If we’re going to translate Maslow’s hierarchy into something actionable for recovery, we need an action-oriented lens. That lens is competence. The question at the heart of trauma recovery is this: What competence would enable me to process and overcome my undesirable post-traumatic experiences? If we use Maslow’s hierarchy as a model, then the answer is fivefold: Trauma recovery means becoming:

  1. Competent at physicality

    1. weight lifting

    2. clean environment

    3. personal hygiene

  2. Competent in personal security

    1. steady pay

    2. self-defense

  3. Competent with intimacy

    1. maintaining healthy relational boundaries

    2. distancing from toxic people

    3. learning to trust trustworthy people

  4. Competent at respect

    1. giving respect where it is due

    2. requiring respect where it is due

    3. not being dependent on other peoples’ opinions

    4. cherishing the respect of others

    5. taking to heart friendly criticism without overreacting

  5. Competent in self-actualization

    1. understanding your emotions

    2. processing past trauma

    3. regulating emotions

    4. making sense of one’s personal story

    5. determining ultimate values


What particular competencies each survivor needs to build will be different. For example, if you’re a trauma survivor who has powerlifted for years, perhaps you need to learn how to be more competent at personal hygiene, or maintaining a clean and orderly environment that inspires peace rather than chaos. If you’re already financially secure, perhaps you need to join a jiu-jitsu class. If you’re already good at cutting toxic people out of your life, perhaps you need to learn the competency of trusting others.

If you don’t exercise or eat healthy, talk therapy will likely not significantly decrease your traumatic symptoms.

One study which treated homeless people contrasted those who received housing first, and those who received therapy first. At 12 months, nearly half of the homeless enrolled in therapy dropped out of the program, whereas those who received housing had an active strategy for improving their lives, such as attending school, reuniting with estranged children, and investing in real estate.[10] Another study shows that therapists who treat anxiety about medical issues as “cognitive behavioral” problems only do more harm than good—they ignore the clear physical need at the heart of the issue.[11]

Incompetence in a fundamental tier of the hierarchy will compromise your performance at higher levels.

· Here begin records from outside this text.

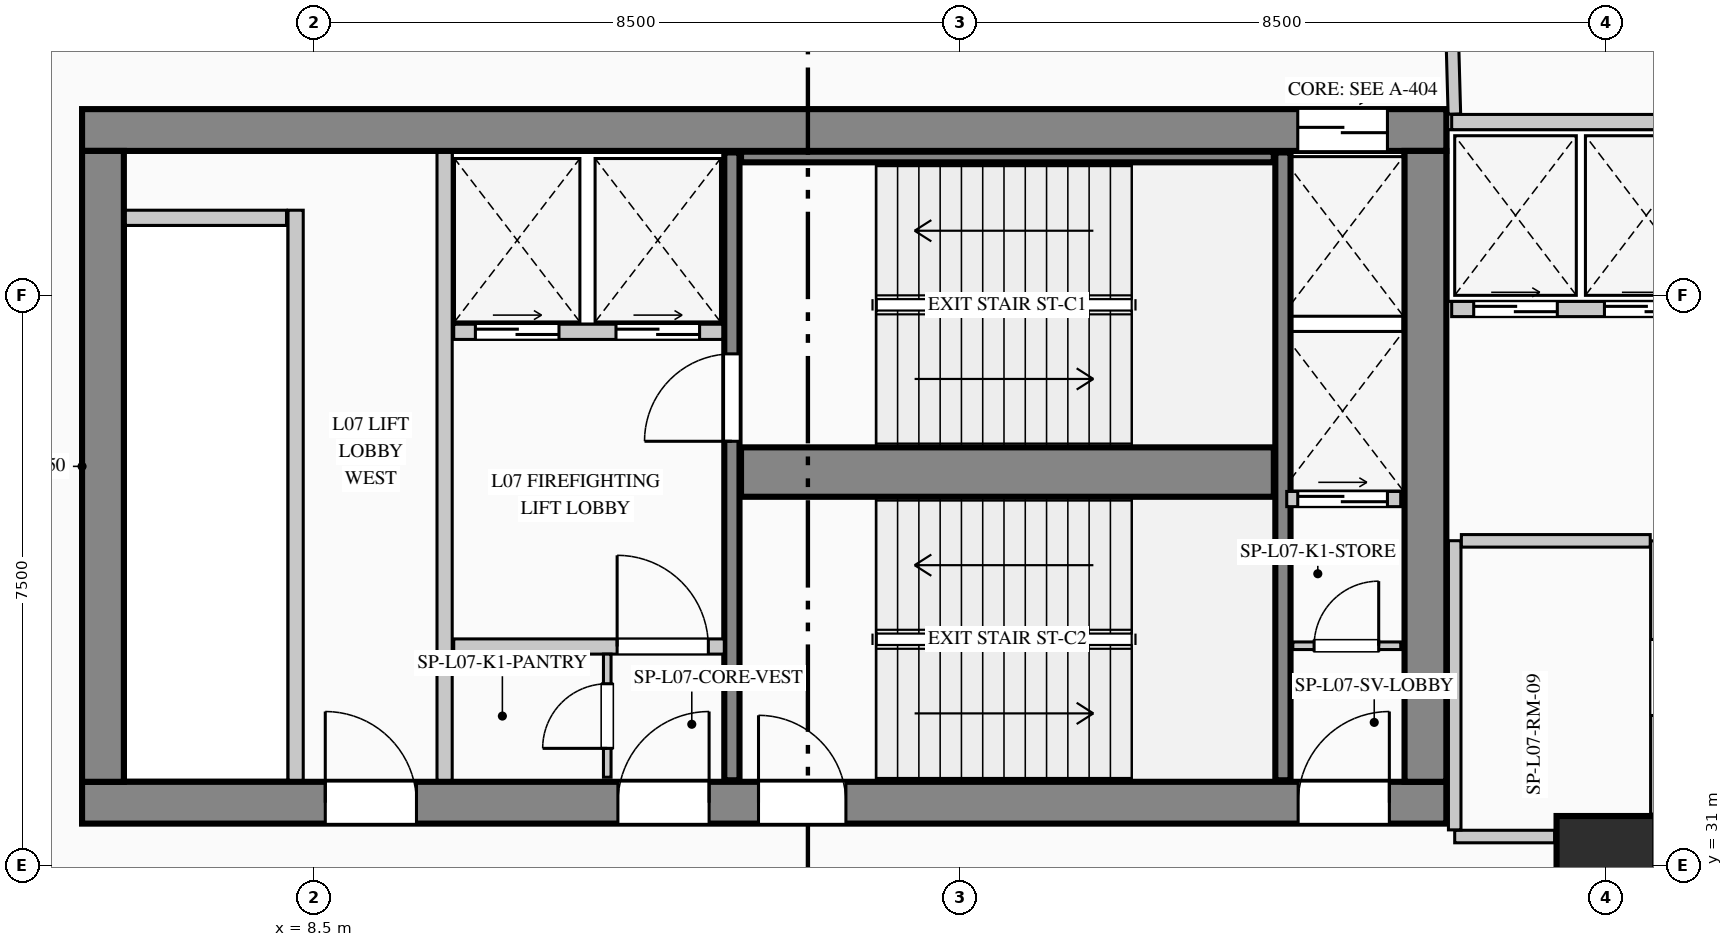
"""IFC4 building model, lengths in metres.
Left out: names, types, materials, properties, quantities, classifications, styles, units other than length and angle.
Written with IfcOpenShell. Run it as: python <this file> out.ifc"""

import sys

from ifc_helpers import new_model, si_unit, direction, frame, frame_2d, origin, origin_2d, place, context, subcontext, project, spatial, rectangle, extrude, element, fill, save


model = new_model("IFC4")
c1 = context("Model", 3, precision=1e-05, world=origin(), true_north=direction((0.0, 1.0)))
c2 = subcontext(c1, "Body", "Model", "MODEL_VIEW")
j1 = project(units=[si_unit("LENGTHUNIT", "METRE"), si_unit("PLANEANGLEUNIT", "RADIAN")], contexts=[c1])
p1 = place(None, origin())
s1 = spatial("IfcSite", under=j1, at=p1, CompositionType="ELEMENT")
p2 = place(p1, origin())
s2 = spatial("IfcBuilding", under=s1, at=p2, CompositionType="ELEMENT")
p3 = place(p2, frame((0.0, 0.0, 31.4)))
s3 = spatial("IfcBuildingStorey", under=s2, at=p3, CompositionType="ELEMENT", Elevation=31.4)
p4 = place(p3, frame((5.45, 40.675, 0.0), z_axis=(0.0, 0.0, 1.0), x_axis=(1.0, 0.0, 0.0)))
e1 = element("IfcWall", 1, at=p4, inside=s3, PredefinedType="SHEAR", context=c2, shape_type="SweptSolid", body=[
    extrude(rectangle(XDim=17.95, YDim=0.55, at=frame_2d((8.975, 0.0))), origin(), (0.0, 0.0, 1.0), 4.4),
])
p5 = place(p4, frame((15.995, 0.0, 0.0)))
e2 = element("IfcOpeningElement", 2, at=p5, cuts=e1, PredefinedType="OPENING", context=c2, shape_type="SweptSolid", body=[
    extrude(rectangle(XDim=1.18, YDim=2.25, at=frame_2d((0.59, 1.125))), frame((0.0, 0.285, 0.0), z_axis=(0.0, -1.0, 0.0), x_axis=(1.0, 0.0, 0.0)), (0.0, 0.0, 1.0), 0.57),
])
p6 = place(p3, frame((5.45, 31.825, 0.0), z_axis=(0.0, 0.0, 1.0), x_axis=(1.0, 0.0, 0.0)))
e3 = element("IfcWall", 3, at=p6, inside=s3, PredefinedType="SHEAR", context=c2, shape_type="SweptSolid", body=[
    extrude(rectangle(XDim=17.95, YDim=0.55, at=frame_2d((8.975, 0.0))), origin(), (0.0, 0.0, 1.0), 4.4),
])
p7 = place(p6, frame((3.2, 0.0, 0.0)))
e4 = element("IfcOpeningElement", 4, at=p7, cuts=e3, PredefinedType="OPENING", context=c2, shape_type="SweptSolid", body=[
    extrude(rectangle(XDim=1.2, YDim=2.2, at=frame_2d((0.6, 1.1))), frame((0.0, 0.285, 0.0), z_axis=(0.0, -1.0, 0.0), x_axis=(1.0, 0.0, 0.0)), (0.0, 0.0, 1.0), 0.57),
])
p8 = place(p6, frame((7.05, 0.0, 0.0)))
e5 = element("IfcOpeningElement", 5, at=p8, cuts=e3, PredefinedType="OPENING", context=c2, shape_type="SweptSolid", body=[
    extrude(rectangle(XDim=1.2, YDim=2.2, at=frame_2d((0.6, 1.1))), frame((0.0, 0.285, 0.0), z_axis=(0.0, -1.0, 0.0), x_axis=(1.0, 0.0, 0.0)), (0.0, 0.0, 1.0), 0.57),
])
p9 = place(p6, frame((8.9, 0.0, 0.0)))
e6 = element("IfcOpeningElement", 6, at=p9, cuts=e3, PredefinedType="OPENING", context=c2, shape_type="SweptSolid", body=[
    extrude(rectangle(XDim=1.15, YDim=2.2, at=frame_2d((0.575, 1.1))), frame((0.0, 0.285, 0.0), z_axis=(0.0, -1.0, 0.0), x_axis=(1.0, 0.0, 0.0)), (0.0, 0.0, 1.0), 0.57),
])
p10 = place(p6, frame((16.0, 0.0, 0.0)))
e7 = element("IfcOpeningElement", 7, at=p10, cuts=e3, PredefinedType="OPENING", context=c2, shape_type="SweptSolid", body=[
    extrude(rectangle(XDim=1.2, YDim=2.2, at=frame_2d((0.6, 1.1))), frame((0.0, 0.285, 0.0), z_axis=(0.0, -1.0, 0.0), x_axis=(1.0, 0.0, 0.0)), (0.0, 0.0, 1.0), 0.57),
])
for number, where, z_axis, x_axis in (
    (8, (5.725, 32.1, 0.0), (0.0, 0.0, 1.0), (0.0, 1.0, 0.0)),
    (9, (23.125, 32.1, 0.0), (0.0, 0.0, 1.0), (0.0, 1.0, 0.0)),
):
    element("IfcWall", number, at=place(p3, frame(where, z_axis=z_axis, x_axis=x_axis)), inside=s3, PredefinedType="SHEAR", context=c2, shape_type="SweptSolid", body=[
        extrude(rectangle(XDim=8.3, YDim=0.55, at=frame_2d((4.15, 0.0))), origin(), (0.0, 0.0, 1.0), 4.4),
    ])
p11 = place(p3, frame((14.0, 32.12, 0.0), z_axis=(0.0, 0.0, 1.0), x_axis=(0.0, 1.0, 0.0)))
e10 = element("IfcWall", 10, at=p11, inside=s3, PredefinedType="SHEAR", context=c2, shape_type="SweptSolid", body=[
    extrude(rectangle(XDim=8.26, YDim=0.2, at=frame_2d((4.13, 0.0))), origin(), (0.0, 0.0, 1.0), 4.4),
])
p12 = place(p11, frame((4.46, 0.0, 0.0)))
e11 = element("IfcOpeningElement", 11, at=p12, cuts=e10, PredefinedType="OPENING", context=c2, shape_type="SweptSolid", body=[
    extrude(rectangle(XDim=1.15, YDim=2.2, at=frame_2d((0.575, 1.1))), frame((0.0, 0.11, 0.0), z_axis=(0.0, -1.0, 0.0), x_axis=(1.0, 0.0, 0.0)), (0.0, 0.0, 1.0), 0.22),
])
p13 = place(p3, frame((14.12, 36.175, 0.0), z_axis=(0.0, 0.0, 1.0), x_axis=(1.0, 0.0, 0.0)))
e12 = element("IfcWall", 12, at=p13, inside=s3, PredefinedType="SHEAR", context=c2, shape_type="SweptSolid", body=[
    extrude(rectangle(XDim=7.01, YDim=0.65, at=frame_2d((3.505, 0.0))), origin(), (0.0, 0.0, 1.0), 4.4),
])
p14 = place(p3, frame((21.25, 32.12, 0.0), z_axis=(0.0, 0.0, 1.0), x_axis=(0.0, 1.0, 0.0)))
e13 = element("IfcWall", 13, at=p14, inside=s3, PredefinedType="SHEAR", context=c2, shape_type="SweptSolid", body=[
    extrude(rectangle(XDim=8.26, YDim=0.2, at=frame_2d((4.13, 0.0))), origin(), (0.0, 0.0, 1.0), 4.4),
])
p15 = place(p3, frame((14.12, 40.32, 0.0), z_axis=(0.0, 0.0, 1.0), x_axis=(1.0, 0.0, 0.0)))
e14 = element("IfcWall", 14, at=p15, inside=s3, PredefinedType="SHEAR", context=c2, shape_type="SweptSolid", body=[
    extrude(rectangle(XDim=7.01, YDim=0.14, at=frame_2d((3.505, 0.0))), origin(), (0.0, 0.0, 1.0), 4.4),
])
p16 = place(p3, frame((25.5, 31.0, 0.0), z_axis=(0.0, 0.0, 1.0), x_axis=(1.0, 0.0, 0.0)))
e15 = element("IfcColumn", 15, at=p16, inside=s3, PredefinedType="COLUMN", context=c2, shape_type="SweptSolid", body=[
    extrude(rectangle(XDim=1.3, YDim=1.3, at=origin_2d()), origin(), (0.0, 0.0, 1.0), 4.4),
])
p17 = place(p3, frame((8.523, 4.84, 0.0), z_axis=(0.0, 0.0, 1.0), x_axis=(-0.150394554312, 0.988626055712, 0.0)))
e16 = element("IfcWall", 16, at=p17, inside=s3, PredefinedType="STANDARD", context=c2, shape_type="SweptSolid", body=[
    extrude(rectangle(XDim=36.738, YDim=0.28, at=frame_2d((18.369, 0.0))), origin(), (0.0, 0.0, 1.0), 4.1),
])
p18 = place(p17, frame((22.762, 0.0, 0.9)))
e17 = element("IfcOpeningElement", 17, at=p18, cuts=e16, PredefinedType="OPENING", context=c2, shape_type="SweptSolid", body=[
    extrude(rectangle(XDim=1.5, YDim=1.8, at=frame_2d((0.75, 0.9))), frame((0.0, 0.15, 0.0), z_axis=(0.0, -1.0, 0.0), x_axis=(1.0, 0.0, 0.0)), (0.0, 0.0, 1.0), 0.3),
])
p19 = place(p3, frame((8.26, 32.12, 0.0), z_axis=(0.0, 0.0, 1.0), x_axis=(0.0, 1.0, 0.0)))
e18 = element("IfcWall", 18, at=p19, inside=s3, PredefinedType="PARTITIONING", context=c2, shape_type="SweptSolid", body=[
    extrude(rectangle(XDim=7.5, YDim=0.2, at=frame_2d((3.75, 0.0))), origin(), (0.0, 0.0, 1.0), 4.1),
])
p20 = place(p3, frame((6.02, 39.52, 0.0), z_axis=(0.0, 0.0, 1.0), x_axis=(1.0, 0.0, 0.0)))
e19 = element("IfcWall", 19, at=p20, inside=s3, PredefinedType="PARTITIONING", context=c2, shape_type="SweptSolid", body=[
    extrude(rectangle(XDim=2.12, YDim=0.2, at=frame_2d((1.06, 0.0))), origin(), (0.0, 0.0, 1.0), 4.1),
])
p21 = place(p3, frame((10.22, 32.12, 0.0), z_axis=(0.0, 0.0, 1.0), x_axis=(0.0, 1.0, 0.0)))
e20 = element("IfcWall", 20, at=p21, inside=s3, PredefinedType="PARTITIONING", context=c2, shape_type="SweptSolid", body=[
    extrude(rectangle(XDim=8.26, YDim=0.2, at=frame_2d((4.13, 0.0))), origin(), (0.0, 0.0, 1.0), 4.1),
])
p22 = place(p3, frame((10.34, 38.02, 0.0), z_axis=(0.0, 0.0, 1.0), x_axis=(1.0, 0.0, 0.0)))
e21 = element("IfcWall", 21, at=p22, inside=s3, PredefinedType="PARTITIONING", context=c2, shape_type="SweptSolid", body=[
    extrude(rectangle(XDim=3.54, YDim=0.2, at=frame_2d((1.77, 0.0))), origin(), (0.0, 0.0, 1.0), 4.1),
])
p23 = place(p22, frame((0.285, 0.0, 0.0)))
e22 = element("IfcOpeningElement", 22, at=p23, cuts=e21, PredefinedType="OPENING", context=c2, shape_type="SweptSolid", body=[
    extrude(rectangle(XDim=1.1, YDim=2.2, at=frame_2d((0.55, 1.1))), frame((0.0, 0.11, 0.0), z_axis=(0.0, -1.0, 0.0), x_axis=(1.0, 0.0, 0.0)), (0.0, 0.0, 1.0), 0.22),
])
p24 = place(p22, frame((2.135, 0.0, 0.0)))
e23 = element("IfcOpeningElement", 23, at=p24, cuts=e21, PredefinedType="OPENING", context=c2, shape_type="SweptSolid", body=[
    extrude(rectangle(XDim=1.1, YDim=2.2, at=frame_2d((0.55, 1.1))), frame((0.0, 0.11, 0.0), z_axis=(0.0, -1.0, 0.0), x_axis=(1.0, 0.0, 0.0)), (0.0, 0.0, 1.0), 0.22),
])
p25 = place(p3, frame((10.34, 33.88, 0.0), z_axis=(0.0, 0.0, 1.0), x_axis=(1.0, 0.0, 0.0)))
e24 = element("IfcWall", 24, at=p25, inside=s3, PredefinedType="PARTITIONING", context=c2, shape_type="SweptSolid", body=[
    extrude(rectangle(XDim=3.56, YDim=0.2, at=frame_2d((1.78, 0.0))), origin(), (0.0, 0.0, 1.0), 4.1),
])
p26 = place(p25, frame((2.15, 0.0, 0.0)))
e25 = element("IfcOpeningElement", 25, at=p26, cuts=e24, PredefinedType="OPENING", context=c2, shape_type="SweptSolid", body=[
    extrude(rectangle(XDim=1.2, YDim=2.2, at=frame_2d((0.6, 1.1))), frame((0.0, 0.11, 0.0), z_axis=(0.0, -1.0, 0.0), x_axis=(1.0, 0.0, 0.0)), (0.0, 0.0, 1.0), 0.22),
])
p27 = place(p3, frame((12.36, 32.16, 0.0), z_axis=(0.0, 0.0, 1.0), x_axis=(0.0, 1.0, 0.0)))
e26 = element("IfcWall", 26, at=p27, inside=s3, PredefinedType="PARTITIONING", context=c2, shape_type="SweptSolid", body=[
    extrude(rectangle(XDim=1.62, YDim=0.1, at=frame_2d((0.81, 0.0))), origin(), (0.0, 0.0, 1.0), 4.1),
])
p28 = place(p27, frame((0.38, 0.0, 0.0)))
e27 = element("IfcOpeningElement", 27, at=p28, cuts=e26, PredefinedType="OPENING", context=c2, shape_type="SweptSolid", body=[
    extrude(rectangle(XDim=0.85, YDim=2.1, at=frame_2d((0.425, 1.05))), frame((0.0, 0.06, 0.0), z_axis=(0.0, -1.0, 0.0), x_axis=(1.0, 0.0, 0.0)), (0.0, 0.0, 1.0), 0.12),
])
p29 = place(p3, frame((21.38, 33.89, 0.0), z_axis=(0.0, 0.0, 1.0), x_axis=(1.0, 0.0, 0.0)))
e28 = element("IfcWall", 28, at=p29, inside=s3, PredefinedType="PARTITIONING", context=c2, shape_type="SweptSolid", body=[
    extrude(rectangle(XDim=1.42, YDim=0.1, at=frame_2d((0.71, 0.0))), origin(), (0.0, 0.0, 1.0), 4.1),
])
p30 = place(p29, frame((0.28, 0.0, 0.0)))
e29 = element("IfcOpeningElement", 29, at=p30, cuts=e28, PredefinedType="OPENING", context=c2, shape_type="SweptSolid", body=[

The important thing is to follow the sequence in order. The reason it’s important to follow this sequence in order is that incompetence in a fundamental tier of the hierarchy will compromise your performance at higher levels. If you don’t exercise or eat healthy, you shouldn’t think that your depression is caused by a serotonin imbalance.

If you don’t know how to give and receive in a social ecosystem of friendship or family, you shouldn’t be confused why you’re not respected at work. Start from the bottom, and work your way up. Jordan Peterson says something similar in his book 12 Rules For Life. “Rule 1: Stand up straight with your shoulders back.”[12] Recovering from trauma means starting with the physical and moving up to the existential (competency approach), not the other way around (typical therapy).



The problem with most trauma therapy is that it starts with the top of the hierarchy rather than the bottom. It treats trauma recovery as though it were an existential boo-boo, rather than a profound rupture of the self, with a fault line that reaches all the way down to one’s basic physical constitution.

Recovering from trauma means starting with the physical and moving up to the existential, not the other way around.

Again, when applied to trauma, don’t think of Maslow’s model fundamentally as a hierarchy of needs, but a hierarchy of competence.[13] Applied to trauma recovery, one can properly “recover” one’s self that was lost by rebuilding competencies in Maslow’s sequence—beginning with physical and extending only later to the existential.

Don’t buy the cultural myth that you can recover from trauma by tinkering around in talk therapy alone. It's meant to help culminate energy you've already put into the process, not be the entire process. If you need professional help pursuing physical competence, here are some professionals it would be better to hire instead:

The point here isn’t to bash therapy. The point isn’t to say that therapists are never helpful. Therapists are helpful sometimes. But their work, and their competence, must be put in its place. Therapy is garnish that we use to give coherence to work we’ve already done.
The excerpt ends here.